You won't regret your decision. I've had one for about 10 years now. It's one of those things that makes me say "dayem!" (in a good way) every time I use it...a gorgeous piece of engineering. I am not a fan of the clamping mechanism on mine (the little knob-with-the-half-turn-quick-release-clutch doodad). But the rest of the stand works so well--up and down in an instant, easy to adjust with the bike in the stand, packs away neatly and sits unnoticed in a corner when not in use, or in the trunk when on the road, wide footprint for stability, no issues with uneven ground--a nearly perfect piece of equipment.

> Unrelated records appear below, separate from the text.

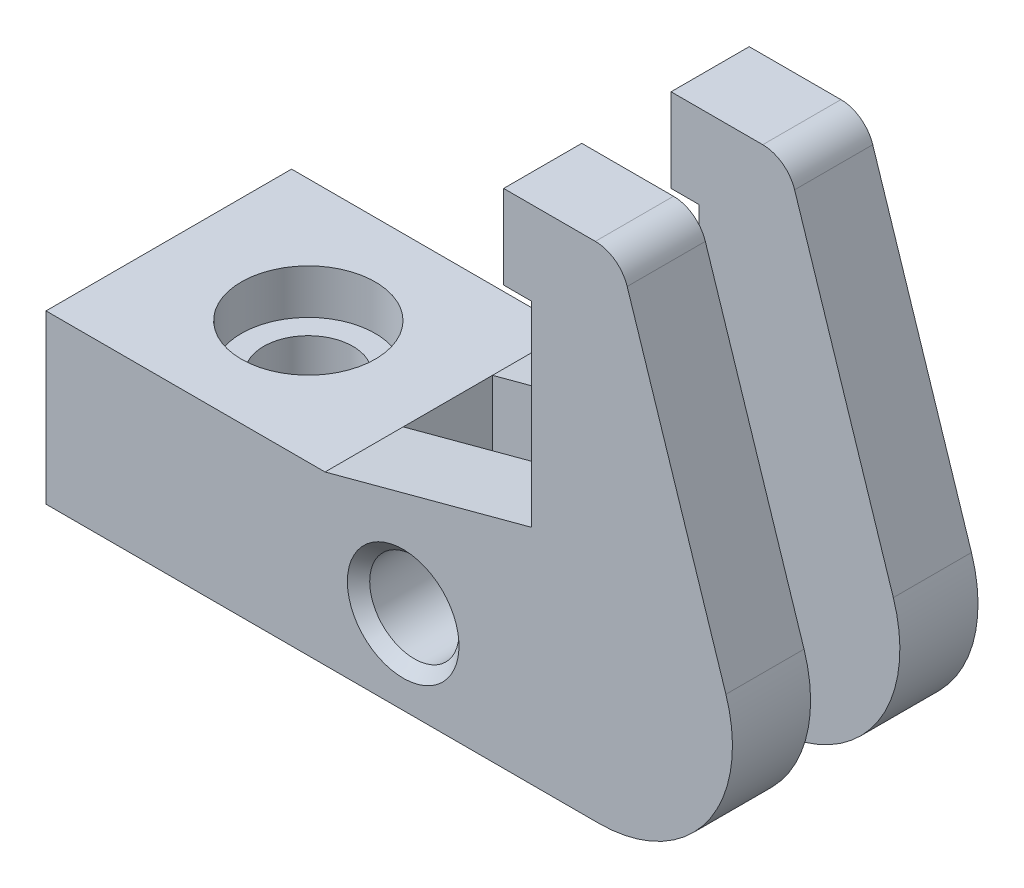
ISO-10303-21;
HEADER;
FILE_DESCRIPTION(('STEP AP214'),'2;1');
FILE_NAME('part.step','',(''),(''),'','','');
FILE_SCHEMA(('AUTOMOTIVE_DESIGN { 1 0 10303 214 1 1 1 1 }'));
ENDSEC;
DATA;
#1=APPLICATION_CONTEXT('core data for automotive mechanical design processes');
#2=APPLICATION_PROTOCOL_DEFINITION('international standard','automotive_design',2000,#1);
#3=PRODUCT_CONTEXT('',#1,'mechanical');
#4=PRODUCT('Part','Part','',(#3));
#5=PRODUCT_RELATED_PRODUCT_CATEGORY('part','',(#4));
#6=PRODUCT_DEFINITION_FORMATION('','',#4);
#7=PRODUCT_DEFINITION_CONTEXT('part definition',#1,'design');
#8=PRODUCT_DEFINITION('design','',#6,#7);
#9=PRODUCT_DEFINITION_SHAPE('','',#8);
#10=(LENGTH_UNIT() NAMED_UNIT(*) SI_UNIT(.MILLI.,.METRE.));
#11=(NAMED_UNIT(*) PLANE_ANGLE_UNIT() SI_UNIT($,.RADIAN.));
#12=(NAMED_UNIT(*) SI_UNIT($,.STERADIAN.) SOLID_ANGLE_UNIT());
#13=UNCERTAINTY_MEASURE_WITH_UNIT(LENGTH_MEASURE(1.E-05),#10,'distance_accuracy_value','');
#14=(GEOMETRIC_REPRESENTATION_CONTEXT(3) GLOBAL_UNCERTAINTY_ASSIGNED_CONTEXT((#13)) GLOBAL_UNIT_ASSIGNED_CONTEXT((#10,
#11,#12)) REPRESENTATION_CONTEXT('',''));
#15=CARTESIAN_POINT('',(0.,0.,0.));
#16=DIRECTION('',(0.,0.,1.));
#17=DIRECTION('',(1.,0.,0.));
#18=AXIS2_PLACEMENT_3D('',#15,#16,#17);
#19=CARTESIAN_POINT('',(32.,0.,11.));
#20=DIRECTION('',(0.,1.,0.));
#21=DIRECTION('',(0.,0.,1.));
#22=AXIS2_PLACEMENT_3D('',#19,#20,#21);
#23=PLANE('',#22);
#24=CARTESIAN_POINT('',(12.5,0.,0.));
#25=DIRECTION('',(0.,1.,0.));
#26=DIRECTION('',(0.,0.,1.));
#27=AXIS2_PLACEMENT_3D('',#24,#25,#26);
#28=CIRCLE('',#27,4.00000000000001);
#29=CARTESIAN_POINT('',(12.5,0.,4.00000000000001));
#30=VERTEX_POINT('',#29);
#31=EDGE_CURVE('E459',#30,#30,#28,.T.);
#32=ORIENTED_EDGE('',*,*,#31,.T.);
#33=EDGE_LOOP('',(#32));
#34=FACE_BOUND('',#33,.T.);
#35=DIRECTION('',(1.,0.,0.));
#36=VECTOR('',#35,1.);
#37=CARTESIAN_POINT('',(25.,0.,4.));
#38=LINE('',#37,#36);
#39=CARTESIAN_POINT('',(25.,0.,4.));
#40=VERTEX_POINT('',#39);
#41=CARTESIAN_POINT('',(49.5,0.,4.));
#42=VERTEX_POINT('',#41);
#43=EDGE_CURVE('E309',#40,#42,#38,.T.);
#44=ORIENTED_EDGE('',*,*,#43,.T.);
#45=DIRECTION('',(0.,0.,-1.));
#46=VECTOR('',#45,1.);
#47=CARTESIAN_POINT('',(49.5,0.,11.));
#48=LINE('',#47,#46);
#49=CARTESIAN_POINT('',(49.5,0.,11.));
#50=VERTEX_POINT('',#49);
#51=EDGE_CURVE('E235',#50,#42,#48,.T.);
#52=ORIENTED_EDGE('',*,*,#51,.F.);
#53=DIRECTION('',(1.,0.,0.));
#54=VECTOR('',#53,1.);
#55=CARTESIAN_POINT('',(0.,0.,11.));
#56=LINE('',#55,#54);
#57=CARTESIAN_POINT('',(0.,0.,11.));
#58=VERTEX_POINT('',#57);
#59=EDGE_CURVE('E118',#58,#50,#56,.T.);
#60=ORIENTED_EDGE('',*,*,#59,.F.);
#61=DIRECTION('',(0.,0.,-1.));
#62=VECTOR('',#61,1.);
#63=CARTESIAN_POINT('',(0.,0.,11.));
#64=LINE('',#63,#62);
#65=CARTESIAN_POINT('',(0.,0.,-11.));
#66=VERTEX_POINT('',#65);
#67=EDGE_CURVE('E234',#58,#66,#64,.T.);
#68=ORIENTED_EDGE('',*,*,#67,.T.);
#69=DIRECTION('',(1.,0.,0.));
#70=VECTOR('',#69,1.);
#71=CARTESIAN_POINT('',(32.,0.,-11.));
#72=LINE('',#71,#70);
#73=CARTESIAN_POINT('',(49.5,0.,-11.));
#74=VERTEX_POINT('',#73);
#75=EDGE_CURVE('E171',#66,#74,#72,.T.);
#76=ORIENTED_EDGE('',*,*,#75,.T.);
#77=CARTESIAN_POINT('',(49.5,0.,-4.));
#78=VERTEX_POINT('',#77);
#79=EDGE_CURVE('E231',#78,#74,#48,.T.);
#80=ORIENTED_EDGE('',*,*,#79,.F.);
#81=DIRECTION('',(-1.,0.,0.));
#82=VECTOR('',#81,1.);
#83=CARTESIAN_POINT('',(25.,0.,-4.));
#84=LINE('',#83,#82);
#85=CARTESIAN_POINT('',(25.,0.,-4.));
#86=VERTEX_POINT('',#85);
#87=EDGE_CURVE('E321',#78,#86,#84,.T.);
#88=ORIENTED_EDGE('',*,*,#87,.T.);
#89=DIRECTION('',(0.,0.,1.));
#90=VECTOR('',#89,1.);
#91=CARTESIAN_POINT('',(25.,0.,-4.));
#92=LINE('',#91,#90);
#93=EDGE_CURVE('E314',#86,#40,#92,.T.);
#94=ORIENTED_EDGE('',*,*,#93,.T.);
#95=EDGE_LOOP('',(#44,#52,#60,#68,#76,#80,#88,#94));
#96=FACE_BOUND('',#95,.T.);
#97=ADVANCED_FACE('F41',(#34,#96),#23,.F.);
#98=CARTESIAN_POINT('',(49.5,12.,11.));
#99=DIRECTION('',(0.,0.,-1.));
#100=DIRECTION('',(-1.,0.,0.));
#101=AXIS2_PLACEMENT_3D('',#98,#99,#100);
#102=CYLINDRICAL_SURFACE('',#101,12.);
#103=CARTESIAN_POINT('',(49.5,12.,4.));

If you understand the origins of this piece of gear, you'll appreciate why it works so well. I understand that the company made portable stands for AV gear--think musicians, bands, theater productions, etc. Roadies have it rough, they work real hard, need to work fast, and the stuff needs to work all the time, no excuses. The basic adjustable tripod mechanism was made for that requirement...portable speaker stands, basically. Story goes that some of the engineers working there were also bikers and made the product for their own used, then convinced the company to branch out. Eventually the biking products were sold to Feedback Sports, a sporting goods specific company. But I'd bet dollars to donuts that there's a manufacturing agreement in place behind the scenes and we're still getting the real deal here.

I put this product in the same category as Silca pumps...buy it once and forget about it.


----------



## Bald_Ben (May 2, 2005)

I use the Park PRS-25 every day at work. Check the tightness of the hardware every once in a while and it'll treat you right.


----------



## boomvader (Nov 27, 2006)

I think the design of the PRS-25 is more stable than the Elite. Seems that when the bike is raised to the highest position on the Elite it is prone to tipping over. Not so the case with the PRS-25.


----------



## equalme (Sep 8, 2010)

boomvader said:


> I think the design of the PRS-25 is more stable than the Elite. Seems that when the bike is raised to the highest position on the Elite it is prone to tipping over. Not so the case with the PRS-25.


Can the PRS-25 get as high as the Elite?


----------



## boomvader (Nov 27, 2006)

anthonylokrn said:


> Can the PRS-25 get as high as the Elite?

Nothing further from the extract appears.